1. A water-soluble unit-dose article in which granular material is held in a water-soluble resin substrate, A water-soluble inorganic salt A containing one or more selected from sodium bicarbonate A1 and potassium carbonate A2, Surfactant B and A water-soluble unit-dose article containing the following.

2. The water-soluble inorganic salt A further comprises sodium carbonate A3. The water-soluble unit dose article according to claim 1.

3. The total content of sodium bicarbonate A1, potassium carbonate A2, and sodium carbonate A3 is 6% by mass or more and 30% by mass or less. The water-soluble unit dose article according to claim 2.

4. The total content of sodium bicarbonate A1, potassium carbonate A2, and sodium carbonate A3 is 2 grams or more. The water-soluble unit dose article according to claim 2.

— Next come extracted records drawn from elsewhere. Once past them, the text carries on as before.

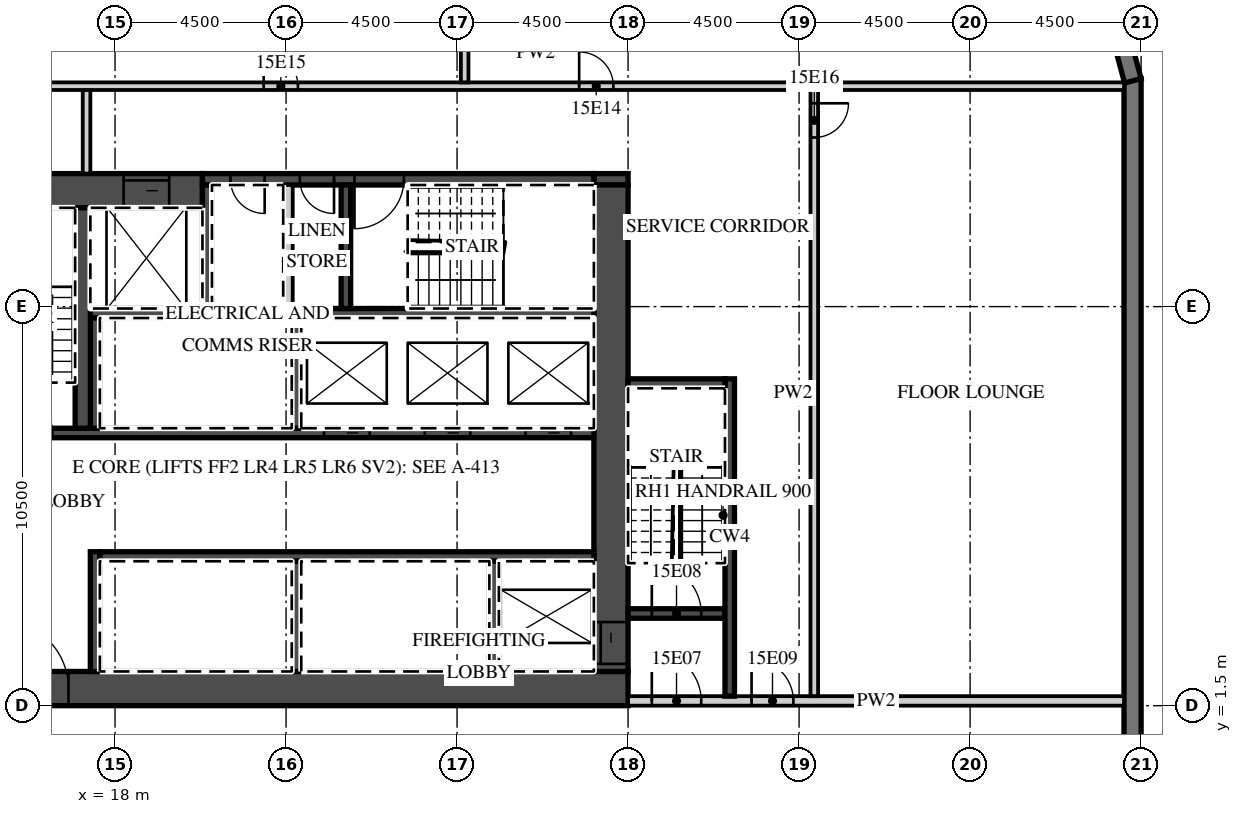
"""IFC4 building model, lengths in metres.
Left out: names, types, materials, properties, quantities, classifications, styles, units other than length and angle.
Written with IfcOpenShell. Run it as: python <this file> out.ifc"""

import sys

from ifc_helpers import new_model, si_unit, direction, frame, frame_2d, origin, place, context, subcontext, project, spatial, polyline, rectangle, outline, extrude, element, fill, save


model = new_model("IFC4")
c1 = context("Model", 3, precision=1e-05, world=origin(), true_north=direction((0.0, 1.0)))
c2 = subcontext(c1, "Body", "Model", "MODEL_VIEW")
j1 = project(units=[si_unit("LENGTHUNIT", "METRE"), si_unit("PLANEANGLEUNIT", "RADIAN")], contexts=[c1])
p1 = place(None, origin())
s1 = spatial("IfcSite", under=j1, at=p1, CompositionType="ELEMENT")
p2 = place(p1, origin())
s2 = spatial("IfcBuilding", under=s1, at=p2, CompositionType="ELEMENT")
p3 = place(p2, frame((0.0, 0.0, 79.8)))
s3 = spatial("IfcBuildingStorey", under=s2, at=p3, CompositionType="ELEMENT", Elevation=79.8)
p4 = place(p3, frame((44.775, -18.0, 0.0), z_axis=(0.0, 0.0, 1.0), x_axis=(0.0, 1.0, 0.0)))
e1 = element("IfcWall", 1, at=p4, inside=s3, PredefinedType="SOLIDWALL", context=c2, shape_type="SweptSolid", body=[
    extrude(rectangle(XDim=36.0, YDim=0.45, at=frame_2d((18.0, 0.0))), origin(), (0.0, 0.0, 1.0), 3.02),
])
p5 = place(p4, frame((3.9, 0.0, 0.45)))
e2 = element("IfcOpeningElement", 2, at=p5, cuts=e1, PredefinedType="OPENING", context=c2, shape_type="SweptSolid", body=[
    extrude(rectangle(XDim=3.3, YDim=2.25, at=frame_2d((1.65, 1.125))), frame((0.0, 0.235, 0.0), z_axis=(0.0, -1.0, 0.0), x_axis=(1.0, 0.0, 0.0)), (0.0, 0.0, 1.0), 0.47),
])
p6 = place(p4, frame((8.4, 0.0, 0.45)))
e3 = element("IfcOpeningElement", 3, at=p6, cuts=e1, PredefinedType="OPENING", context=c2, shape_type="SweptSolid", body=[
    extrude(rectangle(XDim=3.3, YDim=2.25, at=frame_2d((1.65, 1.125))), frame((0.0, 0.235, 0.0), z_axis=(0.0, -1.0, 0.0), x_axis=(1.0, 0.0, 0.0)), (0.0, 0.0, 1.0), 0.47),
])
p7 = place(p4, frame((12.9, 0.0, 0.45)))
e4 = element("IfcOpeningElement", 4, at=p7, cuts=e1, PredefinedType="OPENING", context=c2, shape_type="SweptSolid", body=[
    extrude(rectangle(XDim=3.3, YDim=2.25, at=frame_2d((1.65, 1.125))), frame((0.0, 0.235, 0.0), z_axis=(0.0, -1.0, 0.0), x_axis=(1.0, 0.0, 0.0)), (0.0, 0.0, 1.0), 0.47),
])
p8 = place(p3, frame((44.783, 17.942, 0.0), z_axis=(0.0, 0.0, 1.0), x_axis=(-0.25881466832, 0.965926999034, 0.0)))
e5 = element("IfcWall", 5, at=p8, inside=s3, PredefinedType="SOLIDWALL", context=c2, shape_type="SweptSolid", body=[
    extrude(outline(polyline([(0.0, -0.225), (2.071, -0.225), (1.95, 0.225), (0.121, 0.225), (0.0, -0.225)])), origin(), (0.0, 0.0, 1.0), 3.02),
])
p9 = place(p3, frame((13.5, 1.95, 0.0), z_axis=(0.0, 0.0, 1.0), x_axis=(1.0, 0.0, 0.0)))
e6 = element("IfcWall", 6, at=p9, inside=s3, PredefinedType="SHEAR", context=c2, shape_type="SweptSolid", body=[
    extrude(rectangle(XDim=18.0, YDim=0.9, at=frame_2d((9.0, 0.0))), origin(), (0.0, 0.0, 1.0), 3.02),
])
p10 = place(p9, frame((1.475, 0.0, 0.0)))
e7 = element("IfcOpeningElement", 7, at=p10, cuts=e6, PredefinedType="OPENING", context=c2, shape_type="SweptSolid", body=[
    extrude(rectangle(XDim=1.8, YDim=2.1, at=frame_2d((0.9, 1.05))), frame((0.0, 0.46, 0.0), z_axis=(0.0, -1.0, 0.0), x_axis=(1.0, 0.0, 0.0)), (0.0, 0.0, 1.0), 0.92),
])
p11 = place(p3, frame((13.5, 15.05, 0.0), z_axis=(0.0, 0.0, 1.0), x_axis=(1.0, 0.0, 0.0)))
e8 = element("IfcWall", 8, at=p11, inside=s3, PredefinedType="SHEAR", context=c2, shape_type="SweptSolid", body=[
    extrude(rectangle(XDim=6.8, YDim=0.9, at=frame_2d((3.4, 0.0))), origin(), (0.0, 0.0, 1.0), 3.02),
])
p12 = place(p11, frame((4.725, 0.0, 0.0)))
e9 = element("IfcOpeningElement", 9, at=p12, cuts=e8, PredefinedType="OPENING", context=c2, shape_type="SweptSolid", body=[
    extrude(rectangle(XDim=1.2, YDim=2.1, at=frame_2d((0.6, 1.05))), frame((0.0, 0.46, 0.0), z_axis=(0.0, -1.0, 0.0), x_axis=(1.0, 0.0, 0.0)), (0.0, 0.0, 1.0), 0.92),
])
p13 = place(p3, frame((30.6, 15.35, 0.0), z_axis=(0.0, 0.0, 1.0), x_axis=(1.0, 0.0, 0.0)))
e10 = element("IfcWall", 10, at=p13, inside=s3, PredefinedType="SHEAR", context=c2, shape_type="SweptSolid", body=[
    extrude(rectangle(XDim=0.9, YDim=0.3, at=frame_2d((0.45, 0.0))), origin(), (0.0, 0.0, 1.0), 3.02),
])
p14 = place(p3, frame((20.3, 15.35, 0.0), z_axis=(0.0, 0.0, 1.0), x_axis=(1.0, 0.0, 0.0)))
e11 = element("IfcWall", 11, at=p14, inside=s3, PredefinedType="SHEAR", context=c2, shape_type="SweptSolid", body=[
    extrude(rectangle(XDim=10.3, YDim=0.3, at=frame_2d((5.15, 0.0))), origin(), (0.0, 0.0, 1.0), 3.02),
])
p15 = place(p14, frame((4.0, 0.0, 0.0)))
e12 = element("IfcOpeningElement", 12, at=p15, cuts=e11, PredefinedType="OPENING", context=c2, shape_type="SweptSolid", body=[
    extrude(rectangle(XDim=1.3, YDim=2.1, at=frame_2d((0.65, 1.05))), frame((0.0, 0.16, 0.0), z_axis=(0.0, -1.0, 0.0), x_axis=(1.0, 0.0, 0.0)), (0.0, 0.0, 1.0), 0.32),
])
p16 = place(p14, frame((2.562, 0.0, 0.0)))
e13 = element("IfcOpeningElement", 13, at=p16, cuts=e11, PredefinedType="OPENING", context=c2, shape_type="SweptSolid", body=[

5. The mass ratio of the total content of sodium bicarbonate A1 and potassium carbonate A2 to the content of sodium carbonate A3 is 0.3 or higher. The water-soluble unit dose article according to claim 2.

6. The surfactant B includes a sulfate ester type surfactant. The water-soluble unit dose article according to claim 1.

7. The content of the aforementioned sulfate ester-type surfactant is 6.5% by mass or more. The water-soluble unit dose article according to claim 6.

8. The water-soluble resin substrate is composed of one or more selected from water-soluble fiber structures and water-soluble films. The water-soluble unit dose article according to claim 1.

9. This is a unit-dose product of laundry detergent. A water-soluble unit-dose article according to any one of claims 1 to 8.